Hey guys, I’m looking at doing Practical 4 with my group, is anyone interested in sharing information?

And Sir, for the internal resistance of wires, we determine it by resistance = (resistivity ^ length)/ Cross Section Area (to a certain extent)

as in, the resistivity of the wire to the power of the length divided by the Cross Section Area?

And, when measuring Resistance with a multimeter, do you make it in series or parallel?

• Patrick Says:

measuring resistance of the resistor? or the entire circuit?

• Loughlin Says:

I was actually looking for a reminder on how to do both. I’ve researched a bit on how multimeters work, but I couldn’t find a definitive answer.

• Patrick Says:

id take a look at youtube.
i found some of my examples through some video clips.
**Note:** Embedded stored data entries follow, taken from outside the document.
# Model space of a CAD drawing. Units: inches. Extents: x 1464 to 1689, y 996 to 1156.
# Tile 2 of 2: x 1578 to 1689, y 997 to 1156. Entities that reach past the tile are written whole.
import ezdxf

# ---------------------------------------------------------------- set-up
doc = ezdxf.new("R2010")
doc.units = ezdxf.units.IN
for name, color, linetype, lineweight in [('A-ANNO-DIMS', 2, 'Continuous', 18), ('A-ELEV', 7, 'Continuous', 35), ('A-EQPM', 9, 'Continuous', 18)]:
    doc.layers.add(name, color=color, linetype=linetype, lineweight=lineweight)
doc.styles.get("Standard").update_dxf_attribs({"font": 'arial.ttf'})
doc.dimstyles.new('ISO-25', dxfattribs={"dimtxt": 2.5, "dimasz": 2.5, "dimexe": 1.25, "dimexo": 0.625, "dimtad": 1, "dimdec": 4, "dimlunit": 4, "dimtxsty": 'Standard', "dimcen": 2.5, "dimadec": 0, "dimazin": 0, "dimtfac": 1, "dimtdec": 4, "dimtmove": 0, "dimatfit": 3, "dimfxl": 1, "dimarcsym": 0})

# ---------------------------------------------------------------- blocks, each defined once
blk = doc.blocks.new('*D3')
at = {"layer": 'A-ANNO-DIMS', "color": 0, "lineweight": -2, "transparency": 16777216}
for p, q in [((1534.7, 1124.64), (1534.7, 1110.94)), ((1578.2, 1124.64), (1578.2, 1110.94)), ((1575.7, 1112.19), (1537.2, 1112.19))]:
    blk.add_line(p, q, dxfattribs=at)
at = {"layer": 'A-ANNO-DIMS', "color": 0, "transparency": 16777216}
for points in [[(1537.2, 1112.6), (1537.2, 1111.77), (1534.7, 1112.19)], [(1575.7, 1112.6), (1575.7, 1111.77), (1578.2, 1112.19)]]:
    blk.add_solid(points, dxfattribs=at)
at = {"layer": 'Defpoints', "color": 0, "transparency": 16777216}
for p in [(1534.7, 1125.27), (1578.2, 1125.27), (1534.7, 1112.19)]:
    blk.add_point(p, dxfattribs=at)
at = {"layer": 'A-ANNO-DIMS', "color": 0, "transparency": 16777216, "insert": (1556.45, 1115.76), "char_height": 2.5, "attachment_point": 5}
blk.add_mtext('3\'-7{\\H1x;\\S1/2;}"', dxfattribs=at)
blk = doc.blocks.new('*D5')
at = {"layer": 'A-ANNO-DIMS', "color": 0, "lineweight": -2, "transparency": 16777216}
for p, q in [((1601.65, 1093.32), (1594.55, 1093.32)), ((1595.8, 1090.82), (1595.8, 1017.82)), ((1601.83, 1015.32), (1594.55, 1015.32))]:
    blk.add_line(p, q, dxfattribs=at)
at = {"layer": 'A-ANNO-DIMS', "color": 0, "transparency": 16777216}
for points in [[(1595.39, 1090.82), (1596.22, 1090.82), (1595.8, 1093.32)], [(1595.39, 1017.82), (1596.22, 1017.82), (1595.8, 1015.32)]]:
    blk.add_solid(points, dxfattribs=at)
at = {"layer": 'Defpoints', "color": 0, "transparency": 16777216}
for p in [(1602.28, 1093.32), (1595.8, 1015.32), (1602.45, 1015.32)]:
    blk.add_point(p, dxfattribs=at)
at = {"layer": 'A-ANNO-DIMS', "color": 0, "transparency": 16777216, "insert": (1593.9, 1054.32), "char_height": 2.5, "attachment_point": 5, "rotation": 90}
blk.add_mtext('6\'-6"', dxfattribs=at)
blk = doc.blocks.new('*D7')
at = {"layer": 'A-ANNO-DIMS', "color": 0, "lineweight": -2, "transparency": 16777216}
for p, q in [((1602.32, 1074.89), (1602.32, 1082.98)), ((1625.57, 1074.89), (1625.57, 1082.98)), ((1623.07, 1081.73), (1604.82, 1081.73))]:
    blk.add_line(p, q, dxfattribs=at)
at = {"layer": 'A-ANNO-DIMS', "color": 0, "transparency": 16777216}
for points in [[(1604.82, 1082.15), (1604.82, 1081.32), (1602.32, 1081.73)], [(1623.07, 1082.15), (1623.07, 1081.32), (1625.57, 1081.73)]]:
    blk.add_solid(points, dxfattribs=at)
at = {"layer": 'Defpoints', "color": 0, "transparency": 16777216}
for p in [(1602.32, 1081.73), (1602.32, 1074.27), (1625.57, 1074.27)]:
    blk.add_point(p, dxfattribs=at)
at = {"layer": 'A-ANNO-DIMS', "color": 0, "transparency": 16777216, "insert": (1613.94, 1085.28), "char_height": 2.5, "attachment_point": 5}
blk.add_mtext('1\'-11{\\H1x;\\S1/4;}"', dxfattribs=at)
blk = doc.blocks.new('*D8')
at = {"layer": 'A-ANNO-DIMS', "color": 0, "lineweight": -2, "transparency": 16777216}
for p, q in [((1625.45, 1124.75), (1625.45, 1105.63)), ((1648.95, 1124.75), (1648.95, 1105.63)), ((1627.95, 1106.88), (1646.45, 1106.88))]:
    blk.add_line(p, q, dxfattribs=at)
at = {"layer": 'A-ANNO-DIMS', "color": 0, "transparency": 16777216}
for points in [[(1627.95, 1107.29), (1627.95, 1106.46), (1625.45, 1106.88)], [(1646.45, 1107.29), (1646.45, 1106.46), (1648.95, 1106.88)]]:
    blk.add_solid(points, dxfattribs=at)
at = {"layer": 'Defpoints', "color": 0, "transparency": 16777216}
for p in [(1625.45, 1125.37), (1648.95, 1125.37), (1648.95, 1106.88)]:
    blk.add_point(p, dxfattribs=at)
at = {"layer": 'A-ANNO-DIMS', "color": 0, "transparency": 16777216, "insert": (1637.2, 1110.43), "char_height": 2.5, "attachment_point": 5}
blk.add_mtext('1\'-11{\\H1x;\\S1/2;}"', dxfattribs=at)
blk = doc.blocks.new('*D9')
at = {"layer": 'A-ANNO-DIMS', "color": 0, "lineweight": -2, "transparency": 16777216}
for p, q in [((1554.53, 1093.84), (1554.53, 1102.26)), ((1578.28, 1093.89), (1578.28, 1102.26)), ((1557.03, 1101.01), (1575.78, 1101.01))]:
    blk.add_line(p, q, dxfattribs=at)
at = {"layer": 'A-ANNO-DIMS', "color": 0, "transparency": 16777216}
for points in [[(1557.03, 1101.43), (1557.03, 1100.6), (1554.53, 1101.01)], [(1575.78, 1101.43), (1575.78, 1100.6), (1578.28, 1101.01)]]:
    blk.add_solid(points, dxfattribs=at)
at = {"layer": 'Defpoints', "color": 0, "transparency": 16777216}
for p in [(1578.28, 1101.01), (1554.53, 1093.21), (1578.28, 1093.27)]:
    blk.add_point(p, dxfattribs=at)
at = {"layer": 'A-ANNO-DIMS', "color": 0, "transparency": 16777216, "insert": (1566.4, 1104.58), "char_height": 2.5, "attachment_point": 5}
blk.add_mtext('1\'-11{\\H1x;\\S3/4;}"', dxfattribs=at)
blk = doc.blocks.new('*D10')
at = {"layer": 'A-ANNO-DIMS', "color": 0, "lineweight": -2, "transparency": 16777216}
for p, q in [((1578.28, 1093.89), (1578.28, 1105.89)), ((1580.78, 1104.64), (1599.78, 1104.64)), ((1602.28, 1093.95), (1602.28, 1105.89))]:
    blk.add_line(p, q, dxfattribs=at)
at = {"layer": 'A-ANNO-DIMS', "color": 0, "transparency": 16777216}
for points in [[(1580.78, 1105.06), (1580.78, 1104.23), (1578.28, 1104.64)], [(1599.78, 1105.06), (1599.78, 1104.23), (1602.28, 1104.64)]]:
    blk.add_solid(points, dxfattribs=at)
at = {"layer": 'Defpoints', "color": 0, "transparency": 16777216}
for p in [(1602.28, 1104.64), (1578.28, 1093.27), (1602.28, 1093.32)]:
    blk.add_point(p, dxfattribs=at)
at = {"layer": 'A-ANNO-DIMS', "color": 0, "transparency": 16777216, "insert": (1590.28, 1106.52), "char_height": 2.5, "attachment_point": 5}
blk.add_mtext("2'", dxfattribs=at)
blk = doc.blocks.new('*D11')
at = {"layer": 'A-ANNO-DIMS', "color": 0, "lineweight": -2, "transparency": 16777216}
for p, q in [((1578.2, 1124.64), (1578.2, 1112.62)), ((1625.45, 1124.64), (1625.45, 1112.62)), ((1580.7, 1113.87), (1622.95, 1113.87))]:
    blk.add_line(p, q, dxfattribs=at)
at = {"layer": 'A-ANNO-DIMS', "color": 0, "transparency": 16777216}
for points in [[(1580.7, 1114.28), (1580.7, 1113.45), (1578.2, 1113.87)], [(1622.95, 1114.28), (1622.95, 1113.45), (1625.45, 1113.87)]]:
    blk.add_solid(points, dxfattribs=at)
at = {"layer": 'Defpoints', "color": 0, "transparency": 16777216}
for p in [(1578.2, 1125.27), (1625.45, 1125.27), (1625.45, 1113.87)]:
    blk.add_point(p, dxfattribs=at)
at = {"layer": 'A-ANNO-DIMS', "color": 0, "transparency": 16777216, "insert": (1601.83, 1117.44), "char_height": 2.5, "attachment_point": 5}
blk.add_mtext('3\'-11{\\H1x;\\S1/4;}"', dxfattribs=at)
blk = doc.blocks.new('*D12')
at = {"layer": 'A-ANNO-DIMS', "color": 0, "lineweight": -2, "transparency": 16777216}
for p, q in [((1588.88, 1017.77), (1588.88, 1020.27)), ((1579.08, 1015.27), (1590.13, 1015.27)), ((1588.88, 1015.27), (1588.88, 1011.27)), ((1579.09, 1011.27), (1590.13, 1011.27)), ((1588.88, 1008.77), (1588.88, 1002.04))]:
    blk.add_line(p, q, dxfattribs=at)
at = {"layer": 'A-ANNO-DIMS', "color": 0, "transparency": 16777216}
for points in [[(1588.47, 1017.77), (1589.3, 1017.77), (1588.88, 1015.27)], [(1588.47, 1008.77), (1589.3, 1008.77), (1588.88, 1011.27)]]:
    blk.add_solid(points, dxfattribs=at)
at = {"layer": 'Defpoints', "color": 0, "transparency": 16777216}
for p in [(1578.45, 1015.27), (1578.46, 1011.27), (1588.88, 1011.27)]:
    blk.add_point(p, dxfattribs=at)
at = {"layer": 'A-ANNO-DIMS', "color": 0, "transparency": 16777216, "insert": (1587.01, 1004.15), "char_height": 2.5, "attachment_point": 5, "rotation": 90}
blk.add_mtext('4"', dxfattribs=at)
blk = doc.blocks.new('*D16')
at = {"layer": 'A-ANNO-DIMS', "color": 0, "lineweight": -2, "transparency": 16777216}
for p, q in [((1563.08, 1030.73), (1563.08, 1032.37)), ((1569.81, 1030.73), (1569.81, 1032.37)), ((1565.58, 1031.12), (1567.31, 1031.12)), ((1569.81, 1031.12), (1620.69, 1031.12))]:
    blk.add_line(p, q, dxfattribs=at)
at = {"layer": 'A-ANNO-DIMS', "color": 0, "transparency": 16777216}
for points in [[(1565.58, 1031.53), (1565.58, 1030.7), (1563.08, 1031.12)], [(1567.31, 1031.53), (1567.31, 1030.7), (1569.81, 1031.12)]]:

but as for measuring the resistance of a resistor with the multimeter

set the multimeter to Ohms
connect both probes via crocodile clips to the resistor and that should give a close approximation of the resistance of the resistor

• CyberChalky Says:

No, it is much better if you use the ohm-meter function of the multimeter to determine resistance, and compare it to the resistance calculated by finding the voltage drop and current through the wire.

Use this information to determine the resistivity of the wire; rather than using the resistivity to determine the resistance.

• Patrick Says:

so we use the multimeter to determine resistance of the entire circuit? then compare it to the resistance calculated once we find current and voltage drop?

from that do we subtract the resistance we have calculated from the resistance we measured?

and how do we calculate the overall resistance of a circuit with the multimeter?..

9. Patrick Says:

btw lock, heres a plan, you guys are gonna do prac 4 next right? our group will finish off doing prac one, as i think i have a general idea of how to go at it.

we’ll swap data for both pracs

prac 2 we’ll divide half the task between our groups and same for prac 3

gives everyone a chance from both our groups to gather and record individual data

sound good?

• Loughlin Says:

Yeah that does sound good, takes a lot of pressure and STRESS off!

I figured out how to measure current in series again if you’re having troubles (or like I was, and having a major freak out, I guess!)And I think I’m taking off my SRC meeting, I’ll hand it to someone else to run so I can keep doing the SAC stuff. Anyone else is welcome to design some resistance paths and compare notes too. What was the other Prac on again?

• Patrick Says:

not 100% sure
but Lari has pracs 2 and 3 written up
i think if you want you take prac 3, and break down how to do that,
while ill take prac 2 and break down how to do that

how do you measure current agian with a series circuit? refresh my memory ><

this time around i think a very systematic and methodical approach would serve us better then today where we rushed around like panicked chickens… ==

10. Loughlin Says:

Hey Sir, for practical four, where we are measuring the cross-sectional-area of the wire, is it safe to use a breadboard? Patrick and I hypothesized that it would not be safe, as the wire would be exposed and current would flow through somebody if they touched it. Or, would it be safe as long as we follow the procedure of having hands on the desk?

11. Loughlin Says:

Hey guys, I’ve submitted the experimental results for number four to Mr. Grichting, but I didn’t take down the current readings for the experiment. Could anybody who has them either post them in comment form or to Mr. Grichting? You kind of need Current in order to complete the experiment (unless you measure resistance with a multimeter tomorrow, doing the experiment again, yourself!)

12. Ellen Says:

hey how do i post up our results from experiment two on here so everyone can see them?

• Loughlin Says:

You can either type them by hand on these comments (annoying and might align wrong when posted) or put it into a word document and give it to Mr. Grichting to put up.